Still handing out engraved pens and five-year pins to worthy employees? That’s not what they want. Employees say gift cards make the best gifts, rewards or incentives, according to recent surveys.
But buying gift cards from stores during a recession could be risky. Before you spend your incentive budget on cards that generate more problems than appreciation, do some homework.
Here are six ways to make sure your organization doesn’t waste its money on gift cards that don’t deliver.
1. Before you buy gift cards from a retail chain, find out whether it has closed any of its stores or is expected to file for bankruptcy.
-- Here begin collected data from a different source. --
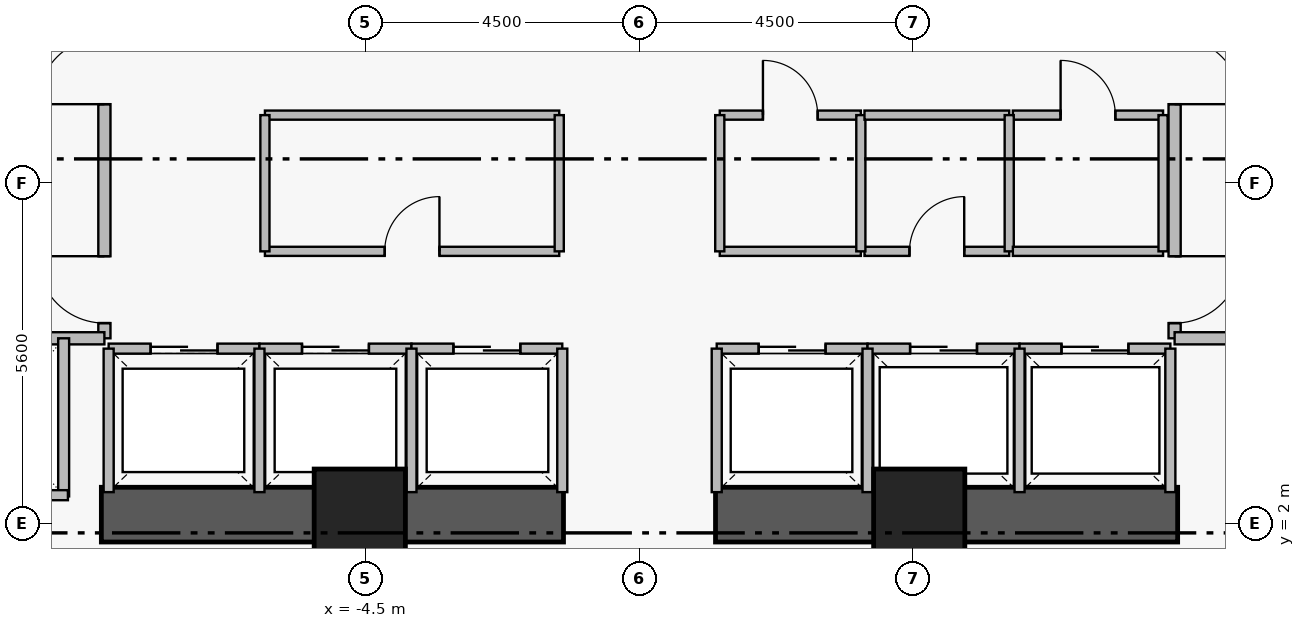
"""IFC4 building model, lengths in metres.
Left out: names, types, materials, properties, quantities, classifications, styles, units other than length and angle.
Written with IfcOpenShell. Run it as: python <this file> out.ifc"""

import sys

from ifc_helpers import new_model, si_unit, direction, frame, frame_2d, origin, origin_2d, place, context, subcontext, project, spatial, rectangle, extrude, element, fill, save


model = new_model("IFC4")
c1 = context("Model", 3, precision=1e-05, world=origin(), true_north=direction((0.0, 1.0)))
c2 = subcontext(c1, "Body", "Model", "MODEL_VIEW")
j1 = project(units=[si_unit("LENGTHUNIT", "METRE"), si_unit("PLANEANGLEUNIT", "RADIAN")], contexts=[c1])
p1 = place(None, origin())
s1 = spatial("IfcSite", under=j1, at=p1, CompositionType="ELEMENT")
p2 = place(p1, origin())
s2 = spatial("IfcBuilding", under=s1, at=p2, CompositionType="ELEMENT")
p3 = place(p2, origin())
s3 = spatial("IfcBuildingStorey", under=s2, at=p3, CompositionType="ELEMENT", Elevation=0.0)
for number, where, z_axis, x_axis in (
    (1, (-8.85, 2.15, 0.0), (0.0, 0.0, 1.0), (1.0, 0.0, 0.0)),
    (2, (1.25, 2.15, 0.0), (0.0, 0.0, 1.0), (1.0, 0.0, 0.0)),
):
    element("IfcWall", number, at=place(p3, frame(where, z_axis=z_axis, x_axis=x_axis)), inside=s3, PredefinedType="SHEAR", context=c2, shape_type="SweptSolid", body=[
        extrude(rectangle(XDim=7.6, YDim=0.9, at=frame_2d((3.8, 0.0))), origin(), (0.0, 0.0, 1.0), 5.75),
    ])
for number, where, z_axis, x_axis in (
    (3, (-4.6, 2.15, 0.0), (0.0, 0.0, 1.0), (1.0, 0.0, 0.0)),
    (4, (4.6, 2.15, 0.0), (0.0, 0.0, 1.0), (1.0, 0.0, 0.0)),
):
    element("IfcColumn", number, at=place(p3, frame(where, z_axis=z_axis, x_axis=x_axis)), inside=s3, PredefinedType="COLUMN", context=c2, shape_type="SweptSolid", body=[
        extrude(rectangle(XDim=1.5, YDim=1.5, at=origin_2d()), origin(), (0.0, 0.0, 1.0), 6.0),
    ])
p4 = place(p3, frame((-8.8, 5.05, 0.0), z_axis=(0.0, 0.0, 1.0), x_axis=(0.0, 1.0, 0.0)))
e5 = element("IfcWall", 5, at=p4, inside=s3, PredefinedType="PARTITIONING", context=c2, shape_type="SweptSolid", body=[
    extrude(rectangle(XDim=6.1, YDim=0.2, at=frame_2d((3.05, 0.0))), origin(), (0.0, 0.0, 1.0), 5.75),
])
p5 = place(p4, frame((0.25, 0.0, 0.0)))
e6 = element("IfcOpeningElement", 6, at=p5, cuts=e5, PredefinedType="OPENING", context=c2, shape_type="SweptSolid", body=[
    extrude(rectangle(XDim=1.1, YDim=2.2, at=frame_2d((0.55, 1.1))), frame((0.0, 0.11, 0.0), z_axis=(0.0, -1.0, 0.0), x_axis=(1.0, 0.0, 0.0)), (0.0, 0.0, 1.0), 0.22),
])
p6 = place(p4, frame((3.85, 0.0, 0.0)))
e7 = element("IfcOpeningElement", 7, at=p6, cuts=e5, PredefinedType="OPENING", context=c2, shape_type="SweptSolid", body=[
    extrude(rectangle(XDim=1.1, YDim=2.2, at=frame_2d((0.55, 1.1))), frame((0.0, 0.11, 0.0), z_axis=(0.0, -1.0, 0.0), x_axis=(1.0, 0.0, 0.0)), (0.0, 0.0, 1.0), 0.22),
])
p7 = place(p3, frame((8.8, 11.15, 0.0), z_axis=(0.0, 0.0, 1.0), x_axis=(0.0, -1.0, 0.0)))
e8 = element("IfcWall", 8, at=p7, inside=s3, PredefinedType="PARTITIONING", context=c2, shape_type="SweptSolid", body=[
    extrude(rectangle(XDim=6.1, YDim=0.2, at=frame_2d((3.05, 0.0))), origin(), (0.0, 0.0, 1.0), 5.75),
])
p8 = place(p7, frame((1.15, 0.0, 0.0)))
e9 = element("IfcOpeningElement", 9, at=p8, cuts=e8, PredefinedType="OPENING", context=c2, shape_type="SweptSolid", body=[
    extrude(rectangle(XDim=1.1, YDim=2.2, at=frame_2d((0.55, 1.1))), frame((0.0, 0.11, 0.0), z_axis=(0.0, -1.0, 0.0), x_axis=(1.0, 0.0, 0.0)), (0.0, 0.0, 1.0), 0.22),
])
p9 = place(p7, frame((4.75, 0.0, 0.0)))
e10 = element("IfcOpeningElement", 10, at=p9, cuts=e8, PredefinedType="OPENING", context=c2, shape_type="SweptSolid", body=[
    extrude(rectangle(XDim=1.1, YDim=2.2, at=frame_2d((0.55, 1.1))), frame((0.0, 0.11, 0.0), z_axis=(0.0, -1.0, 0.0), x_axis=(1.0, 0.0, 0.0)), (0.0, 0.0, 1.0), 0.22),
])
p10 = place(p3, frame((-8.73, 4.88, 0.0), z_axis=(0.0, 0.0, 1.0), x_axis=(1.0, 0.0, 0.0)))
e11 = element("IfcWall", 11, at=p10, inside=s3, PredefinedType="PARTITIONING", context=c2, shape_type="SweptSolid", body=[
    extrude(rectangle(XDim=2.48, YDim=0.165, at=frame_2d((1.24, 0.0))), origin(), (0.0, 0.0, 1.0), 5.75),
])
p11 = place(p10, frame((0.69, 0.0, 0.0)))
e12 = element("IfcOpeningElement", 12, at=p11, cuts=e11, PredefinedType="OPENING", context=c2, shape_type="SweptSolid", body=[
    extrude(rectangle(XDim=1.1, YDim=2.25, at=frame_2d((0.55, 1.125))), frame((0.0, 0.093, 0.0), z_axis=(0.0, -1.0, 0.0), x_axis=(1.0, 0.0, 0.0)), (0.0, 0.0, 1.0), 0.185),
])
p12 = place(p3, frame((-6.25, 4.88, 0.0), z_axis=(0.0, 0.0, 1.0), x_axis=(1.0, 0.0, 0.0)))
e13 = element("IfcWall", 13, at=p12, inside=s3, PredefinedType="PARTITIONING", context=c2, shape_type="SweptSolid", body=[
    extrude(rectangle(XDim=2.5, YDim=0.165, at=frame_2d((1.25, 0.0))), origin(), (0.0, 0.0, 1.0), 5.75),
])
p13 = place(p12, frame((0.7, 0.0, 0.0)))
e14 = element("IfcOpeningElement", 14, at=p13, cuts=e13, PredefinedType="OPENING", context=c2, shape_type="SweptSolid", body=[
    extrude(rectangle(XDim=1.1, YDim=2.25, at=frame_2d((0.55, 1.125))), frame((0.0, 0.093, 0.0), z_axis=(0.0, -1.0, 0.0), x_axis=(1.0, 0.0, 0.0)), (0.0, 0.0, 1.0), 0.185),
])
p14 = place(p3, frame((-3.75, 4.88, 0.0), z_axis=(0.0, 0.0, 1.0), x_axis=(1.0, 0.0, 0.0)))
e15 = element("IfcWall", 15, at=p14, inside=s3, PredefinedType="PARTITIONING", context=c2, shape_type="SweptSolid", body=[
    extrude(rectangle(XDim=2.48, YDim=0.165, at=frame_2d((1.24, 0.0))), origin(), (0.0, 0.0, 1.0), 5.75),
])
p15 = place(p14, frame((0.69, 0.0, 0.0)))
e16 = element("IfcOpeningElement", 16, at=p15, cuts=e15, PredefinedType="OPENING", context=c2, shape_type="SweptSolid", body=[
    extrude(rectangle(XDim=1.1, YDim=2.25, at=frame_2d((0.55, 1.125))), frame((0.0, 0.093, 0.0), z_axis=(0.0, -1.0, 0.0), x_axis=(1.0, 0.0, 0.0)), (0.0, 0.0, 1.0), 0.185),
])
p16 = place(p3, frame((1.27, 4.88, 0.0), z_axis=(0.0, 0.0, 1.0), x_axis=(1.0, 0.0, 0.0)))
e17 = element("IfcWall", 17, at=p16, inside=s3, PredefinedType="PARTITIONING", context=c2, shape_type="SweptSolid", body=[
    extrude(rectangle(XDim=2.48, YDim=0.165, at=frame_2d((1.24, 0.0))), origin(), (0.0, 0.0, 1.0), 5.75),
])
p17 = place(p16, frame((0.69, 0.0, 0.0)))
e18 = element("IfcOpeningElement", 18, at=p17, cuts=e17, PredefinedType="OPENING", context=c2, shape_type="SweptSolid", body=[
    extrude(rectangle(XDim=1.1, YDim=2.25, at=frame_2d((0.55, 1.125))), frame((0.0, 0.093, 0.0), z_axis=(0.0, -1.0, 0.0), x_axis=(1.0, 0.0, 0.0)), (0.0, 0.0, 1.0), 0.185),
])
p18 = place(p3, frame((3.75, 4.88, 0.0), z_axis=(0.0, 0.0, 1.0), x_axis=(1.0, 0.0, 0.0)))
e19 = element("IfcWall", 19, at=p18, inside=s3, PredefinedType="PARTITIONING", context=c2, shape_type="SweptSolid", body=[
    extrude(rectangle(XDim=2.5, YDim=0.165, at=frame_2d((1.25, 0.0))), origin(), (0.0, 0.0, 1.0), 5.75),
])
p19 = place(p18, frame((0.7, 0.0, 0.0)))
e20 = element("IfcOpeningElement", 20, at=p19, cuts=e19, PredefinedType="OPENING", context=c2, shape_type="SweptSolid", body=[
    extrude(rectangle(XDim=1.1, YDim=2.25, at=frame_2d((0.55, 1.125))), frame((0.0, 0.093, 0.0), z_axis=(0.0, -1.0, 0.0), x_axis=(1.0, 0.0, 0.0)), (0.0, 0.0, 1.0), 0.185),
])
p20 = place(p3, frame((6.25, 4.88, 0.0), z_axis=(0.0, 0.0, 1.0), x_axis=(1.0, 0.0, 0.0)))
e21 = element("IfcWall", 21, at=p20, inside=s3, PredefinedType="PARTITIONING", context=c2, shape_type="SweptSolid", body=[
    extrude(rectangle(XDim=2.48, YDim=0.165, at=frame_2d((1.24, 0.0))), origin(), (0.0, 0.0, 1.0), 5.75),
])
p21 = place(p20, frame((0.69, 0.0, 0.0)))
e22 = element("IfcOpeningElement", 22, at=p21, cuts=e21, PredefinedType="OPENING", context=c2, shape_type="SweptSolid", body=[
    extrude(rectangle(XDim=1.1, YDim=2.25, at=frame_2d((0.55, 1.125))), frame((0.0, 0.093, 0.0), z_axis=(0.0, -1.0, 0.0), x_axis=(1.0, 0.0, 0.0)), (0.0, 0.0, 1.0), 0.185),
])
p22 = place(p3, frame((-6.16, 6.48, 0.0), z_axis=(0.0, 0.0, 1.0), x_axis=(1.0, 0.0, 0.0)))
e23 = element("IfcWall", 23, at=p22, inside=s3, PredefinedType="PARTITIONING", context=c2, shape_type="SweptSolid", body=[
    extrude(rectangle(XDim=4.84, YDim=0.15, at=frame_2d((2.42, 0.0))), origin(), (0.0, 0.0, 1.0), 5.75),
])
p23 = place(p22, frame((1.97, 0.0, 0.0)))
e24 = element("IfcOpeningElement", 24, at=p23, cuts=e23, PredefinedType="OPENING", context=c2, shape_type="SweptSolid", body=[
    extrude(rectangle(XDim=0.9, YDim=2.15, at=frame_2d((0.45, 1.075))), frame((0.0, 0.085, 0.0), z_axis=(0.0, -1.0, 0.0), x_axis=(1.0, 0.0, 0.0)), (0.0, 0.0, 1.0), 0.17),
])
p24 = place(p3, frame((1.32, 8.72, 0.0), z_axis=(0.0, 0.0, 1.0), x_axis=(1.0, 0.0, 0.0)))
e25 = element("IfcWall", 25, at=p24, inside=s3, PredefinedType="PARTITIONING", context=c2, shape_type="SweptSolid", body=[
    extrude(rectangle(XDim=2.32, YDim=0.15, at=frame_2d((1.16, 0.0))), origin(), (0.0, 0.0, 1.0), 5.75),
])
p25 = place(p24, frame((0.71, 0.0, 0.0)))
e26 = element("IfcOpeningElement", 26, at=p25, cuts=e25, PredefinedType="OPENING", context=c2, shape_type="SweptSolid", body=[
    extrude(rectangle(XDim=0.9, YDim=2.15, at=frame_2d((0.45, 1.075))), frame((0.0, 0.085, 0.0), z_axis=(0.0, -1.0, 0.0), x_axis=(1.0, 0.0, 0.0)), (0.0, 0.0, 1.0), 0.17),
])
p26 = place(p3, frame((3.7, 6.48, 0.0), z_axis=(0.0, 0.0, 1.0), x_axis=(1.0, 0.0, 0.0)))
e27 = element("IfcWall", 27, at=p26, inside=s3, PredefinedType="PARTITIONING", context=c2, shape_type="SweptSolid", body=[
    extrude(rectangle(XDim=2.38, YDim=0.15, at=frame_2d((1.19, 0.0))), origin(), (0.0, 0.0, 1.0), 5.75),
])
p27 = place(p26, frame((0.74, 0.0, 0.0)))
e28 = element("IfcOpeningElement", 28, at=p27, cuts=e27, PredefinedType="OPENING", context=c2, shape_type="SweptSolid", body=[
    extrude(rectangle(XDim=0.9, YDim=2.15, at=frame_2d((0.45, 1.075))), frame((0.0, 0.085, 0.0), z_axis=(0.0, -1.0, 0.0), x_axis=(1.0, 0.0, 0.0)), (0.0, 0.0, 1.0), 0.17),
])
p28 = place(p3, frame((6.14, 8.72, 0.0), z_axis=(0.0, 0.0, 1.0), x_axis=(1.0, 0.0, 0.0)))
e29 = element("IfcWall", 29, at=p28, inside=s3, PredefinedType="PARTITIONING", context=c2, shape_type="SweptSolid", body=[
    extrude(rectangle(XDim=2.47, YDim=0.15, at=frame_2d((1.235, 0.0))), origin(), (0.0, 0.0, 1.0), 5.75),
])
p29 = place(p28, frame((0.785, 0.0, 0.0)))
e30 = element("IfcOpeningElement", 30, at=p29, cuts=e29, PredefinedType="OPENING", context=c2, shape_type="SweptSolid", body=[
    extrude(rectangle(XDim=0.9, YDim=2.15, at=frame_2d((0.45, 1.075))), frame((0.0, 0.085, 0.0), z_axis=(0.0, -1.0, 0.0), x_axis=(1.0, 0.0, 0.0)), (0.0, 0.0, 1.0), 0.17),
])
for number, where, z_axis, x_axis in (
    (31, (-11.65, 5.05, 0.0), (0.0, 0.0, 1.0), (1.0, 0.0, 0.0)),
    (32, (8.8, 5.05, 0.0), (0.0, 0.0, 1.0), (1.0, 0.0, 0.0)),
):
    element("IfcWall", number, at=place(p3, frame(where, z_axis=z_axis, x_axis=x_axis)), inside=s3, PredefinedType="PARTITIONING", context=c2, shape_type="SweptSolid", body=[
        extrude(rectangle(XDim=2.85, YDim=0.2, at=frame_2d((1.425, 0.0))), origin(), (0.0, 0.0, 1.0), 5.75),
    ])
for number, where, z_axis, x_axis in (
    (33, (-8.73, 2.52, 0.0), (0.0, 0.0, 1.0), (0.0, 1.0, 0.0)),
    (34, (-6.25, 2.52, 0.0), (0.0, 0.0, 1.0), (0.0, 1.0, 0.0)),
    (35, (-3.75, 2.52, 0.0), (0.0, 0.0, 1.0), (0.0, 1.0, 0.0)),
    (36, (-1.27, 2.52, 0.0), (0.0, 0.0, 1.0), (0.0, 1.0, 0.0)),
    (37, (1.27, 2.52, 0.0), (0.0, 0.0, 1.0), (0.0, 1.0, 0.0)),
    (38, (3.75, 2.52, 0.0), (0.0, 0.0, 1.0), (0.0, 1.0, 0.0)),
    (39, (6.25, 2.52, 0.0), (0.0, 0.0, 1.0), (0.0, 1.0, 0.0)),
    (40, (8.73, 2.52, 0.0), (0.0, 0.0, 1.0), (0.0, 1.0, 0.0)),
):
    element("IfcWall", number, at=place(p3, frame(where, z_axis=z_axis, x_axis=x_axis)), inside=s3, PredefinedType="PARTITIONING", context=c2, shape_type="SweptSolid", body=[
        extrude(rectangle(XDim=2.36, YDim=0.165, at=frame_2d((1.18, 0.0))), origin(), (0.0, 0.0, 1.0), 5.75),
    ])
p30 = place(p3, frame((-9.47, 2.45, 0.0), z_axis=(0.0, 0.0, 1.0), x_axis=(0.0, 1.0, 0.0)))
e41 = element("IfcWall", 41, at=p30, inside=s3, PredefinedType="PARTITIONING", context=c2, shape_type="SweptSolid", body=[
    extrude(rectangle(XDim=2.6, YDim=0.18, at=frame_2d((1.3, 0.0))), origin(), (0.0, 0.0, 1.0), 5.75),
])
p31 = place(p3, frame((-11.71, 2.47, 0.0), z_axis=(0.0, 0.0, 1.0), x_axis=(1.0, 0.0, 0.0)))
e42 = element("IfcWall", 42, at=p31, inside=s3, PredefinedType="PARTITIONING", context=c2, shape_type="SweptSolid", body=[
    extrude(rectangle(XDim=2.31, YDim=0.165, at=frame_2d((1.155, 0.0))), origin(), (0.0, 0.0, 1.0), 4.35),
])
p32 = place(p3, frame((-6.16, 8.72, 0.0), z_axis=(0.0, 0.0, 1.0), x_axis=(1.0, 0.0, 0.0)))
e43 = element("IfcWall", 43, at=p32, inside=s3, PredefinedType="PARTITIONING", context=c2, shape_type="SweptSolid", body=[
    extrude(rectangle(XDim=4.84, YDim=0.15, at=frame_2d((2.42, 0.0))), origin(), (0.0, 0.0, 1.0), 5.75),
])
for number, where, z_axis, x_axis in (
    (44, (-6.16, 6.48, 0.0), (0.0, 0.0, 1.0), (0.0, 1.0, 0.0)),
    (45, (-1.32, 6.48, 0.0), (0.0, 0.0, 1.0), (0.0, 1.0, 0.0)),
):
    element("IfcWall", number, at=place(p3, frame(where, z_axis=z_axis, x_axis=x_axis)), inside=s3, PredefinedType="PARTITIONING", context=c2, shape_type="SweptSolid", body=[
        extrude(rectangle(XDim=2.24, YDim=0.15, at=frame_2d((1.12, 0.0))), origin(), (0.0, 0.0, 1.0), 5.75),
    ])
p33 = place(p3, frame((1.32, 6.48, 0.0), z_axis=(0.0, 0.0, 1.0), x_axis=(1.0, 0.0, 0.0)))
e46 = element("IfcWall", 46, at=p33, inside=s3, PredefinedType="PARTITIONING", context=c2, shape_type="SweptSolid", body=[
    extrude(rectangle(XDim=2.32, YDim=0.15, at=frame_2d((1.16, 0.0))), origin(), (0.0, 0.0, 1.0), 5.75),
])
for number, where, z_axis, x_axis in (
    (47, (1.32, 6.48, 0.0), (0.0, 0.0, 1.0), (0.0, 1.0, 0.0)),
    (48, (3.64, 6.48, 0.0), (0.0, 0.0, 1.0), (0.0, 1.0, 0.0)),
):
    element("IfcWall", number, at=place(p3, frame(where, z_axis=z_axis, x_axis=x_axis)), inside=s3, PredefinedType="PARTITIONING", context=c2, shape_type="SweptSolid", body=[
        extrude(rectangle(XDim=2.24, YDim=0.15, at=frame_2d((1.12, 0.0))), origin(), (0.0, 0.0, 1.0), 5.75),
    ])
p34 = place(p3, frame((3.7, 8.72, 0.0), z_axis=(0.0, 0.0, 1.0), x_axis=(1.0, 0.0, 0.0)))
e49 = element("IfcWall", 49, at=p34, inside=s3, PredefinedType="PARTITIONING", context=c2, shape_type="SweptSolid", body=[
    extrude(rectangle(XDim=2.38, YDim=0.15, at=frame_2d((1.19, 0.0))), origin(), (0.0, 0.0, 1.0), 5.75),
])
p35 = place(p3, frame((6.08, 6.48, 0.0), z_axis=(0.0, 0.0, 1.0), x_axis=(0.0, 1.0, 0.0)))
e50 = element("IfcWall", 50, at=p35, inside=s3, PredefinedType="PARTITIONING", context=c2, shape_type="SweptSolid", body=[
    extrude(rectangle(XDim=2.24, YDim=0.15, at=frame_2d((1.12, 0.0))), origin(), (0.0, 0.0, 1.0), 5.75),
])
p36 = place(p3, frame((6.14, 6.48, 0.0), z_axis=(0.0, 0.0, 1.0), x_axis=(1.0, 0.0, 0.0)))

Some stores have refused to honor gift cards once they got into financial trouble.
2. Limit your selection to retailers that will accept the gift cards at many store locations and online so employees can shop where it’s convenient.
3. Tell employees about any limitations or conditions on a gift card; don’t assume they will learn these on their own. Some cards—particularly those for general shopping at malls and pre-paid bank or credit card-issued gift cards—have expiration dates or charge penalties for every month they go unused. The top 25 retailers, on the other hand, issue cards that do not expire, and 84% of them are fee-free, according to the National Retail Federation.
4. Don’t buy gift cards from online auction sites. There’s a chance they’re counterfeit or stolen.
5. Remind employees to use the gift cards you give them before the cards expire or lose their value over time.
6. Keep your receipts. Some retailers will replace a lost gift card if you have your original purchase receipt.
Spending on gift cards could top $600 billion by 2010, according to some studies. One reason employers like them: Issuing a cash bonus through takes time, so it’s not an instant reward for a job well done. A gift card offered on the spot is.